The curtains of the little room had been left open; outside were Low Petergate and an English winter’s evening, of which all that could at present be seen were the raindrops tracing their shifting lines over the dark glass of the window. The man sitting at the desk ignored them, intent on his work, pausing now and then only to refer to the letter to which he was replying. He went on in this way for some time, as the candle burned steadily lower and the rain outside continued.
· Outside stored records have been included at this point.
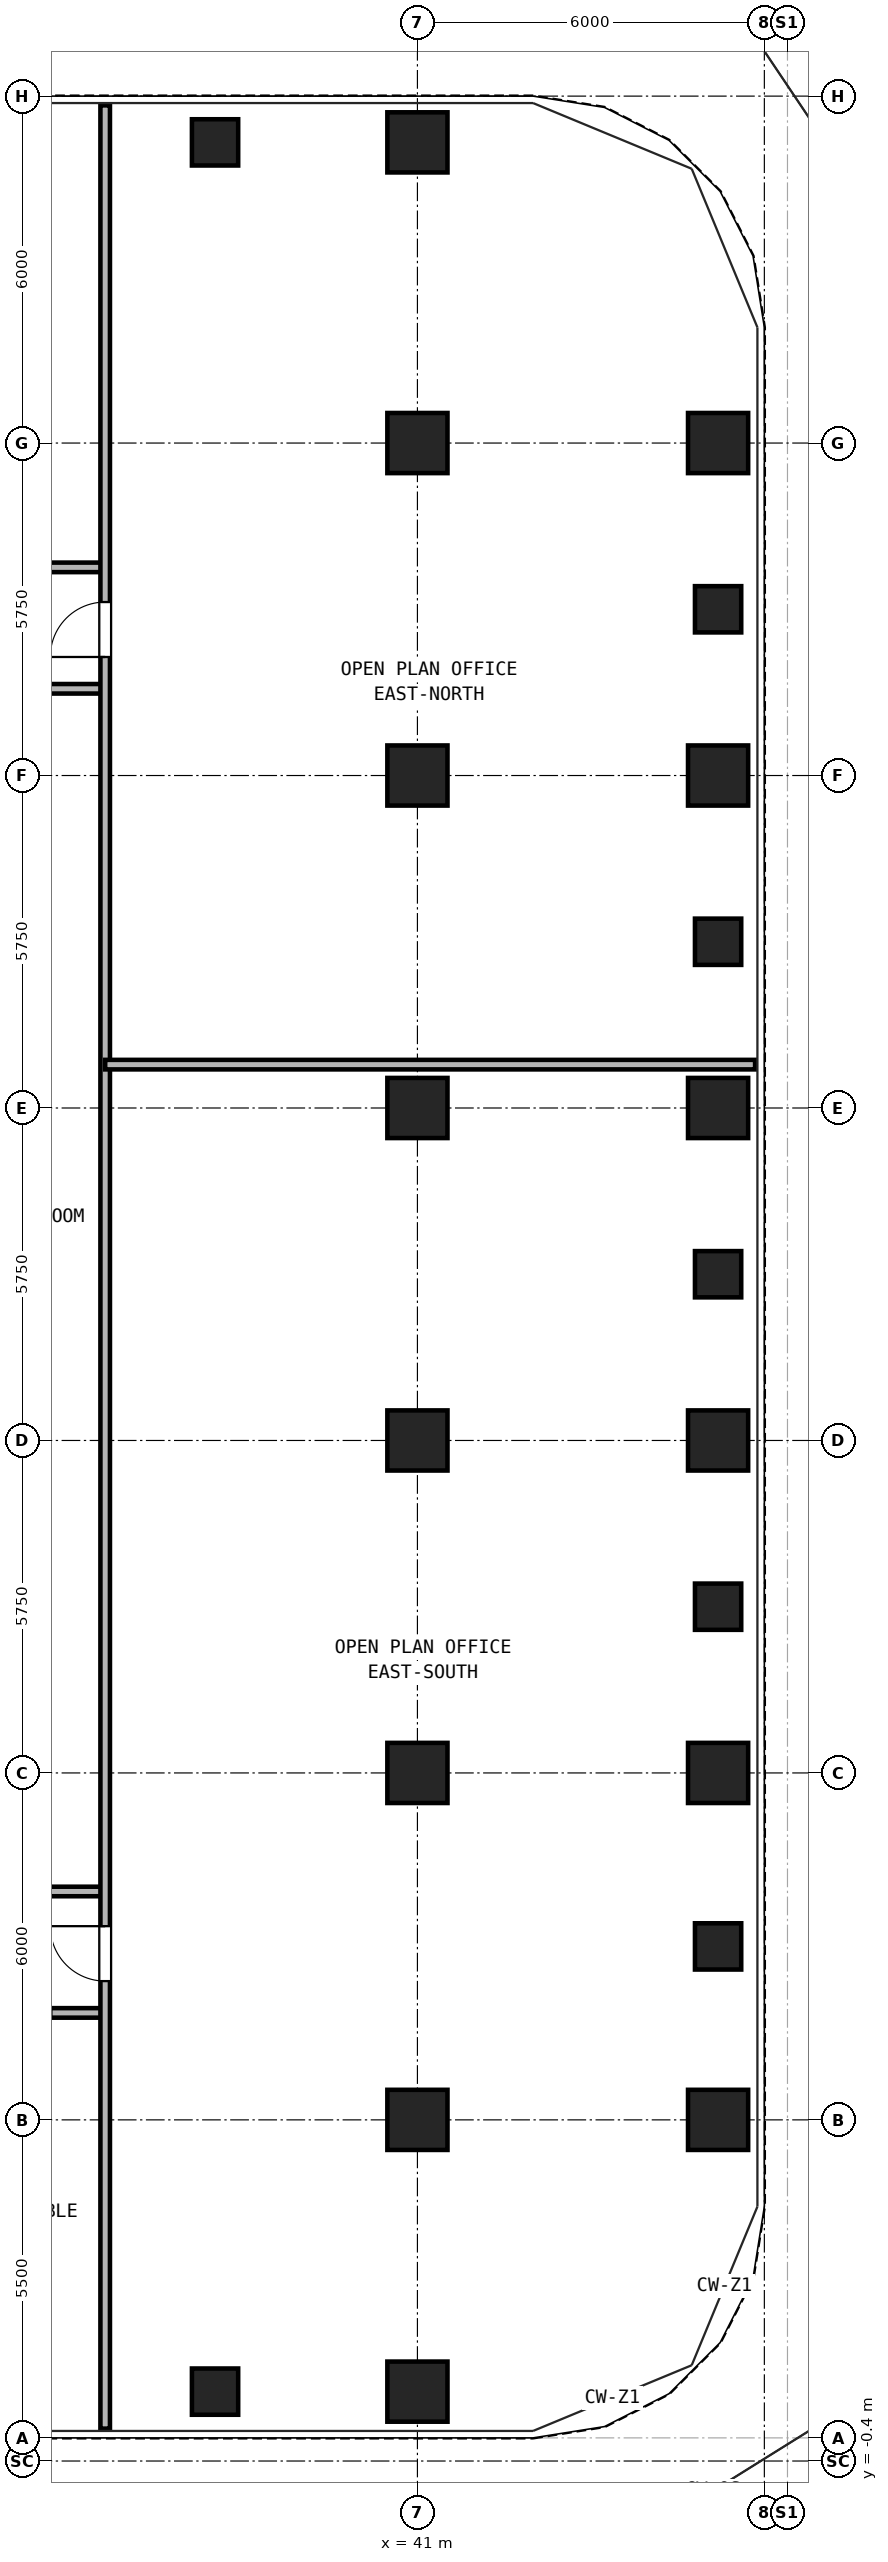
"""IFC4 building model, lengths in metres.
Left out: names, types, materials, properties, quantities, classifications, styles, units other than length and angle.
Written with IfcOpenShell. Run it as: python <this file> out.ifc"""

import sys

from ifc_helpers import new_model, si_unit, direction, frame, frame_2d, origin, origin_2d, place, context, subcontext, project, spatial, rectangle, hollow_rectangle, extrude, source, transform, mapped, element, fill, save


model = new_model("IFC4")
c1 = context("Model", 3, precision=1e-05, world=origin(), true_north=direction((0.0, 1.0)))
c2 = subcontext(c1, "Body", "Model", "MODEL_VIEW")
j1 = project(units=[si_unit("LENGTHUNIT", "METRE"), si_unit("PLANEANGLEUNIT", "RADIAN")], contexts=[c1])
p1 = place(None, origin())
s1 = spatial("IfcSite", under=j1, at=p1, CompositionType="ELEMENT")
p2 = place(p1, origin())
s2 = spatial("IfcBuilding", under=s1, at=p2, CompositionType="ELEMENT")
p3 = place(p2, frame((0.0, 0.0, 33.3)))
s3 = spatial("IfcBuildingStorey", under=s2, at=p3, CompositionType="ELEMENT", Elevation=33.3)
m1 = source(origin(), c2, "Body", "SweptSolid", [
    extrude(hollow_rectangle(XDim=1.04, YDim=1.04, WallThickness=0.065, at=origin_2d()), origin(), (0.0, 0.0, 1.0), 3.32),
])
for number, where, z_axis, x_axis in (
    (1, (41.0, 0.8, 0.0), (0.0, 0.0, 1.0), (1.0, 0.0, 0.0)),
    (2, (41.0, 39.7, 0.0), (0.0, 0.0, 1.0), (1.0, 0.0, 0.0)),
    (3, (46.2, 5.5, 0.0), (0.0, 0.0, 1.0), (1.0, 0.0, 0.0)),
    (4, (46.2, 11.5, 0.0), (0.0, 0.0, 1.0), (1.0, 0.0, 0.0)),
    (5, (46.2, 17.25, 0.0), (0.0, 0.0, 1.0), (1.0, 0.0, 0.0)),
    (6, (46.2, 23.0, 0.0), (0.0, 0.0, 1.0), (1.0, 0.0, 0.0)),
    (7, (46.2, 28.75, 0.0), (0.0, 0.0, 1.0), (1.0, 0.0, 0.0)),
    (8, (46.2, 34.5, 0.0), (0.0, 0.0, 1.0), (1.0, 0.0, 0.0)),
    (9, (41.0, 5.5, 0.0), (0.0, 0.0, 1.0), (1.0, 0.0, 0.0)),
    (10, (41.0, 11.5, 0.0), (0.0, 0.0, 1.0), (1.0, 0.0, 0.0)),
    (11, (41.0, 17.25, 0.0), (0.0, 0.0, 1.0), (1.0, 0.0, 0.0)),
    (12, (41.0, 23.0, 0.0), (0.0, 0.0, 1.0), (1.0, 0.0, 0.0)),
    (13, (41.0, 28.75, 0.0), (0.0, 0.0, 1.0), (1.0, 0.0, 0.0)),
    (14, (41.0, 34.5, 0.0), (0.0, 0.0, 1.0), (1.0, 0.0, 0.0)),
):
    element("IfcColumn", number, at=place(p3, frame(where, z_axis=z_axis, x_axis=x_axis)), inside=s3, PredefinedType="COLUMN", context=c2, shape_type="MappedRepresentation", body=[
        mapped(m1, transform((0.0, 0.0, 0.0), x_axis=(1.0, 0.0, 0.0), y_axis=(0.0, 1.0, 0.0), z_axis=(0.0, 0.0, 1.0), scale=1.0)),
    ])
m2 = source(origin(), c2, "Body", "SweptSolid", [
    extrude(hollow_rectangle(XDim=0.8, YDim=0.8, WallThickness=0.045, at=origin_2d()), origin(), (0.0, 0.0, 1.0), 3.32),
])
for number, where, z_axis, x_axis in (
    (15, (37.5, 0.8, 0.0), (0.0, 0.0, 1.0), (1.0, 0.0, 0.0)),
    (16, (37.5, 39.7, 0.0), (0.0, 0.0, 1.0), (1.0, 0.0, 0.0)),
    (17, (46.2, 8.5, 0.0), (0.0, 0.0, 1.0), (1.0, 0.0, 0.0)),
    (18, (46.2, 14.375, 0.0), (0.0, 0.0, 1.0), (1.0, 0.0, 0.0)),
    (19, (46.2, 20.125, 0.0), (0.0, 0.0, 1.0), (1.0, 0.0, 0.0)),
    (20, (46.2, 25.875, 0.0), (0.0, 0.0, 1.0), (1.0, 0.0, 0.0)),
    (21, (46.2, 31.625, 0.0), (0.0, 0.0, 1.0), (1.0, 0.0, 0.0)),
):
    element("IfcColumn", number, at=place(p3, frame(where, z_axis=z_axis, x_axis=x_axis)), inside=s3, PredefinedType="COLUMN", context=c2, shape_type="MappedRepresentation", body=[
        mapped(m2, transform((0.0, 0.0, 0.0), x_axis=(1.0, 0.0, 0.0), y_axis=(0.0, 1.0, 0.0), z_axis=(0.0, 0.0, 1.0), scale=1.0)),
    ])
p4 = place(p3, frame((11.4, 7.35, 0.0), z_axis=(0.0, 0.0, 1.0), x_axis=(1.0, 0.0, 0.0)))
e22 = element("IfcWall", 22, at=p4, inside=s3, PredefinedType="PARTITIONING", context=c2, shape_type="SweptSolid", body=[
    extrude(rectangle(XDim=24.2, YDim=0.165, at=frame_2d((12.1, 0.0))), origin(), (0.0, 0.0, 1.0), 3.32),
])
p5 = place(p4, frame((3.05, 0.0, 0.0)))
e23 = element("IfcOpeningElement", 23, at=p5, cuts=e22, PredefinedType="OPENING", context=c2, shape_type="SweptSolid", body=[
    extrude(rectangle(XDim=0.95, YDim=2.15, at=frame_2d((0.475, 1.075))), frame((0.0, 0.093, 0.0), z_axis=(0.0, -1.0, 0.0), x_axis=(1.0, 0.0, 0.0)), (0.0, 0.0, 1.0), 0.185),
])
p6 = place(p4, frame((11.6, 0.0, 0.0)))
e24 = element("IfcOpeningElement", 24, at=p6, cuts=e22, PredefinedType="OPENING", context=c2, shape_type="SweptSolid", body=[
    extrude(rectangle(XDim=0.95, YDim=2.15, at=frame_2d((0.475, 1.075))), frame((0.0, 0.093, 0.0), z_axis=(0.0, -1.0, 0.0), x_axis=(1.0, 0.0, 0.0)), (0.0, 0.0, 1.0), 0.185),
])
p7 = place(p4, frame((18.8, 0.0, 0.0)))
e25 = element("IfcOpeningElement", 25, at=p7, cuts=e22, PredefinedType="OPENING", context=c2, shape_type="SweptSolid", body=[
    extrude(rectangle(XDim=0.92, YDim=2.1, at=frame_2d((0.46, 1.05))), frame((0.0, 0.093, 0.0), z_axis=(0.0, -1.0, 0.0), x_axis=(1.0, 0.0, 0.0)), (0.0, 0.0, 1.0), 0.185),
])
p8 = place(p4, frame((22.35, 0.0, 0.0)))
e26 = element("IfcOpeningElement", 26, at=p8, cuts=e22, PredefinedType="OPENING", context=c2, shape_type="SweptSolid", body=[
    extrude(rectangle(XDim=0.92, YDim=2.1, at=frame_2d((0.46, 1.05))), frame((0.0, 0.093, 0.0), z_axis=(0.0, -1.0, 0.0), x_axis=(1.0, 0.0, 0.0)), (0.0, 0.0, 1.0), 0.185),
])
p9 = place(p3, frame((11.4, 32.35, 0.0), z_axis=(0.0, 0.0, 1.0), x_axis=(1.0, 0.0, 0.0)))
e27 = element("IfcWall", 27, at=p9, inside=s3, PredefinedType="PARTITIONING", context=c2, shape_type="SweptSolid", body=[
    extrude(rectangle(XDim=24.2, YDim=0.165, at=frame_2d((12.1, 0.0))), origin(), (0.0, 0.0, 1.0), 3.32),
])
p10 = place(p9, frame((2.7, 0.0, 0.0)))
e28 = element("IfcOpeningElement", 28, at=p10, cuts=e27, PredefinedType="OPENING", context=c2, shape_type="SweptSolid", body=[
    extrude(rectangle(XDim=0.95, YDim=2.15, at=frame_2d((0.475, 1.075))), frame((0.0, 0.093, 0.0), z_axis=(0.0, -1.0, 0.0), x_axis=(1.0, 0.0, 0.0)), (0.0, 0.0, 1.0), 0.185),
])
p11 = place(p9, frame((9.2, 0.0, 0.0)))
e29 = element("IfcOpeningElement", 29, at=p11, cuts=e27, PredefinedType="OPENING", context=c2, shape_type="SweptSolid", body=[
    extrude(rectangle(XDim=0.95, YDim=2.15, at=frame_2d((0.475, 1.075))), frame((0.0, 0.093, 0.0), z_axis=(0.0, -1.0, 0.0), x_axis=(1.0, 0.0, 0.0)), (0.0, 0.0, 1.0), 0.185),
])
p12 = place(p9, frame((15.9, 0.0, 0.0)))
e30 = element("IfcOpeningElement", 30, at=p12, cuts=e27, PredefinedType="OPENING", context=c2, shape_type="SweptSolid", body=[
    extrude(rectangle(XDim=0.95, YDim=2.15, at=frame_2d((0.475, 1.075))), frame((0.0, 0.093, 0.0), z_axis=(0.0, -1.0, 0.0), x_axis=(1.0, 0.0, 0.0)), (0.0, 0.0, 1.0), 0.185),
])
p13 = place(p9, frame((21.5, 0.0, 0.0)))
e31 = element("IfcOpeningElement", 31, at=p13, cuts=e27, PredefinedType="OPENING", context=c2, shape_type="SweptSolid", body=[
    extrude(rectangle(XDim=0.95, YDim=2.15, at=frame_2d((0.475, 1.075))), frame((0.0, 0.093, 0.0), z_axis=(0.0, -1.0, 0.0), x_axis=(1.0, 0.0, 0.0)), (0.0, 0.0, 1.0), 0.185),
])
for number, where, z_axis, x_axis in (
    (32, (30.7, 9.45, 0.0), (0.0, 0.0, 1.0), (1.0, 0.0, 0.0)),
    (33, (30.7, 30.25, 0.0), (0.0, 0.0, 1.0), (1.0, 0.0, 0.0)),
):
    element("IfcWall", number, at=place(p3, frame(where, z_axis=z_axis, x_axis=x_axis)), inside=s3, PredefinedType="PARTITIONING", context=c2, shape_type="SweptSolid", body=[
        extrude(rectangle(XDim=4.9, YDim=0.165, at=frame_2d((2.45, 0.0))), origin(), (0.0, 0.0, 1.0), 3.32),
    ])
p14 = place(p3, frame((35.6, 0.16, 0.0), z_axis=(0.0, 0.0, 1.0), x_axis=(0.0, 1.0, 0.0)))
e34 = element("IfcWall", 34, at=p14, inside=s3, PredefinedType="PARTITIONING", context=c2, shape_type="SweptSolid", body=[
    extrude(rectangle(XDim=40.18, YDim=0.165, at=frame_2d((20.09, 0.0))), origin(), (0.0, 0.0, 1.0), 3.32),
])
p15 = place(p14, frame((7.74, 0.0, 0.0)))
e35 = element("IfcOpeningElement", 35, at=p15, cuts=e34, PredefinedType="OPENING", context=c2, shape_type="SweptSolid", body=[
    extrude(rectangle(XDim=0.95, YDim=2.15, at=frame_2d((0.475, 1.075))), frame((0.0, 0.093, 0.0), z_axis=(0.0, -1.0, 0.0), x_axis=(1.0, 0.0, 0.0)), (0.0, 0.0, 1.0), 0.185),
])
p16 = place(p14, frame((30.64, 0.0, 0.0)))
e36 = element("IfcOpeningElement", 36, at=p16, cuts=e34, PredefinedType="OPENING", context=c2, shape_type="SweptSolid", body=[
    extrude(rectangle(XDim=0.95, YDim=2.15, at=frame_2d((0.475, 1.075))), frame((0.0, 0.093, 0.0), z_axis=(0.0, -1.0, 0.0), x_axis=(1.0, 0.0, 0.0)), (0.0, 0.0, 1.0), 0.185),
])
p17 = place(p3, frame((35.6, 23.75, 0.0), z_axis=(0.0, 0.0, 1.0), x_axis=(1.0, 0.0, 0.0)))
e37 = element("IfcWall", 37, at=p17, inside=s3, PredefinedType="PARTITIONING", context=c2, shape_type="SweptSolid", body=[
    extrude(rectangle(XDim=11.24, YDim=0.165, at=frame_2d((5.62, 0.0))), origin(), (0.0, 0.0, 1.0), 3.32),
])
p18 = place(p15, origin())
e38 = element("IfcDoor", 38, at=p18, inside=s3, OperationType="SINGLE_SWING_RIGHT", PredefinedType="DOOR", context=c2, shape_type="SweptSolid", body=[
    extrude(rectangle(XDim=0.95, YDim=2.15, at=frame_2d((0.475, 1.075))), frame((0.0, 0.025, 0.0), z_axis=(0.0, -1.0, 0.0), x_axis=(1.0, 0.0, 0.0)), (0.0, 0.0, 1.0), 0.05),
])
fill(e35, e38)
p19 = place(p16, origin())
e39 = element("IfcDoor", 39, at=p19, inside=s3, OperationType="SINGLE_SWING_LEFT", PredefinedType="DOOR", context=c2, shape_type="SweptSolid", body=[
    extrude(rectangle(XDim=0.95, YDim=2.15, at=frame_2d((0.475, 1.075))), frame((0.0, 0.025, 0.0), z_axis=(0.0, -1.0, 0.0), x_axis=(1.0, 0.0, 0.0)), (0.0, 0.0, 1.0), 0.05),
])
fill(e36, e39)
save(model, sys.argv[1])

The letter was from John Segundus, describing (amongst other things) his progress on the biography of Jonathan Strange which he intended to write, and which he thought would resolve some unclear points vital to the debates currently ongoing between Strangite and Norrellite magicians. Childermass was rather pessimistic about this hope, taking the view that English magicians must have something to quarrel about, and if one disputed fact were settled they would simply move on to another. Segundus would have accused him of cynicism, and doubtless would do so when next he wrote—but in any case, Childermass’s reply for now was finished, and he could turn his attention to other things. He reached over to the low shelf above the desk, brought down the stack of loose papers covered unevenly in strange but now familiar letters, and spread the first few sheets out before him.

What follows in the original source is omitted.